Réuni le 22 février à Libreville, le groupement patronal s’est penché sur le nouveau mode de financement du fonds dédié aux Gabonais économiquement faible (Gef). Prélevé à hauteur de 1% sur le chiffre d’affaires, cette taxe est boudée par le patronat.

Le président de la CPG (à droite) pendant les travaux du comité ad hoc, le 22 février 2017 à Libreville. © Gabonreview

 

Le comité ad hoc de la Confédération patronale gabonaise (CPG) s’est réuni le 22 février courant à Libreville. Au menu des travaux, une disposition de la Loi des finances 2017, imposant aux opérateurs privés une taxe de 1% sur le chiffre d’affaires, pour le financement du fonds des Gabonais économiquement faible (Gef). Une disposition boudée par l’ensemble du patronat.

Jean Bernard Boumah face à la presse. © Gabonreview

Censée entrer en vigueur le 1er mars prochain, cette taxe concerne, pour l’heure, les opérateurs privés réalisant au plus un chiffre d’affaires de 30 millions de francs CFA. «La taxe sur le chiffre d’affaires n’est pas bonne. Elle a été remise en cause depuis 1994 avec l’entrée en vigueur de la Taxe sur la valeur ajoutée (TVA)», a déploré le président de la CPG.

Selon Jean Bernard Boumah, cette taxe est d’autant plus mauvaise qu’elle impacte négativement la compétitivité des entreprises. «Il s’agit aujourd’hui d’une taxe sur le chiffre d’affaires qui est en cascade, qui impacte sur la compétitivité des entreprises, parce qu’elle constitue une charge. C’est très différent de la TVA, qui est un impôt neutre», a expliqué le président de la CPG.
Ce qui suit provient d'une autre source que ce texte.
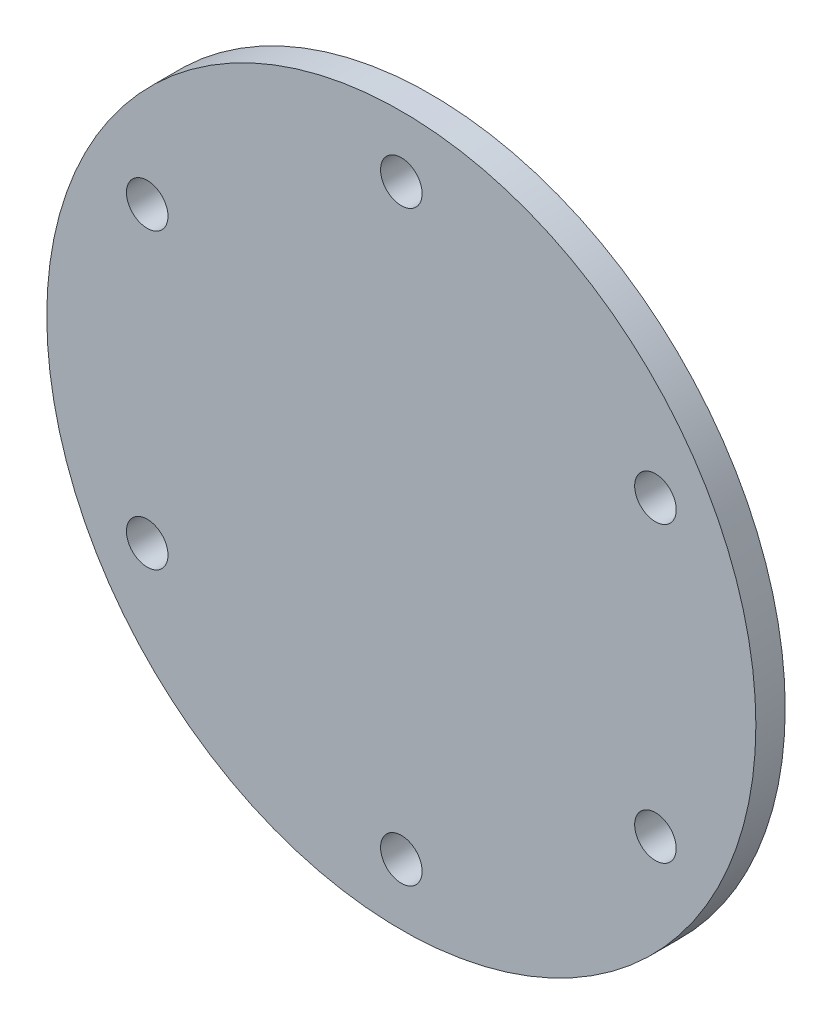
from build123d import *

# Parameters (mm, degrees)
SKETCH1_R           = 72.5
SKETCH1_R_2         = 4.25
BOSS_EXTRUDE1_DEPTH = 6


with BuildPart() as part:
    # Sketch1 → Boss-Extrude1 (new body)
    with BuildSketch(Plane.XY):
        Circle(SKETCH1_R)
        with Locations((0, 60)):
            Circle(SKETCH1_R_2, mode=Mode.SUBTRACT)
        with Locations((51.961524227, 30)):
            Circle(SKETCH1_R_2, mode=Mode.SUBTRACT)
        with Locations((51.961524227, -30)):
            Circle(SKETCH1_R_2, mode=Mode.SUBTRACT)
        with Locations((0, -60)):
            Circle(SKETCH1_R_2, mode=Mode.SUBTRACT)
        with Locations((-51.961524227, -30)):
            Circle(SKETCH1_R_2, mode=Mode.SUBTRACT)
        with Locations((-51.961524227, 30)):
            Circle(SKETCH1_R_2, mode=Mode.SUBTRACT)
    extrude(amount=BOSS_EXTRUDE1_DEPTH)


solid = part.part

«Actuellement, nos entreprises sont dans une mauvaise passe et nous pensons que cette disposition annihile la compétitivité des entreprises», a-t-il lancé. «Nous avons même saisi les parlementaires, en leur signifiant clairement qu’il y aura des effets pervers liés à l’application de cette mesure», a poursuivi Jean Bernard Boumah, brandissant les trois propositions de la CPG sur cette question.

Si elle s’est dite ouverte au financement du fonds des Gef, la CPG souhaite que la taxe sur le chiffre d’affaires soit nettement revue à la baisse. «1% c’est trop !», a insisté Jean Bernard Boumah. La confédération patronale pense également que cette disposition doit être étendue au secteur parapublic, tout aussi créateur de richesses.

«Nous souhaitons également que cette disposition concerne tout le monde. C’est impôt de solidarité qui doit donc s’adresser à tous», a-t-il suggéré. Par ailleurs, la CPG a également estimé que la cible des ayant-droits doit être clairement définie. «Nous ne pouvons pas comprendre que nous sommes 1,8 millions d’habitants et qu’il y a 800 000 Gef», a laissé entendre le président de la CPG.

La CPG a ainsi espéré que sous forme de relance ou de loi rectificative de la Loi des finances, ses points de vue seront pris en compte. «Nous voulons faire appel à la compréhension du gouvernement», a conclu Jean Bernard Boumah.

Avant cette taxe sur le chiffre d’affaires, le fonds des Gef était financé par les seuls opérateurs de téléphonie mobile, qui se voyaient prélever 10% de leur chiffre d’affaires. Une disposition combattue par la CPG, la qualifiant d’injuste. Gouvernement et CPG ont donc toujours autant de mal à s’accorder sur le financement du fonds dédié aux Gef.